The gathering began at St. James Cathedral in the heart of a city that's seen it's homicide rate spike roughly 56 percent year-over-year.
They came from all parts of the city and from all walks of life, but the voices of the hundreds of people who took to Chicago's streets Monday night were united in one message: stop the violence.
The gathering began at St. James Cathedral in the heart of a city that's seen its homicide rate spike roughly 56 percent year-over-year. Since 2008, more than 630 young people have been killed in the city. Their faces were brought to the forefront of Monday's campaign.

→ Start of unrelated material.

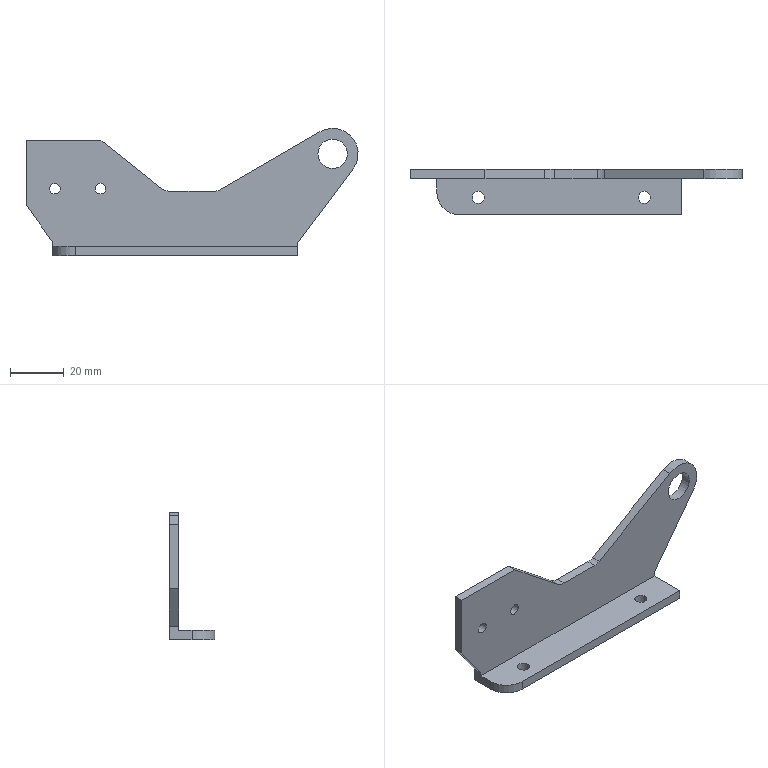Component | NX | SIDE_PLATE | 1 solid | 23 faces | volume 17412 mm3 | plane 14 | cylinder 9 | commonest cylinder face diameters 4 x2 4.5 x2 17 x1 19 x1 10 x1 12 x1 11 x1

"Tonight then, we must ask ourselves who will tell the human race of this very diverse city, that we are called upon by God to be a human family?" Cardinal Francis George told a packed congregation.
From the cathedral, hundreds marched to Daley Plaza before continuing on to Old St. Pat's Church and finally to John H. Stroger Jr., Hospital of Cook County. In all, the faithful kicked off Holy Week with a march of more than four miles.
"It will take sustained action. This killing is an epidemic... Let's join together to put an end to the killing. It will take all of us," Rev. Jeffrey Lee, Episcopal Bishop of Chicago told the crowd gathered at Daley Plaza.
Mayor Rahm Emanuel didn't take part in the event, but was in Washington, D.C. attending a national meeting focusing on the prevention of youth violence.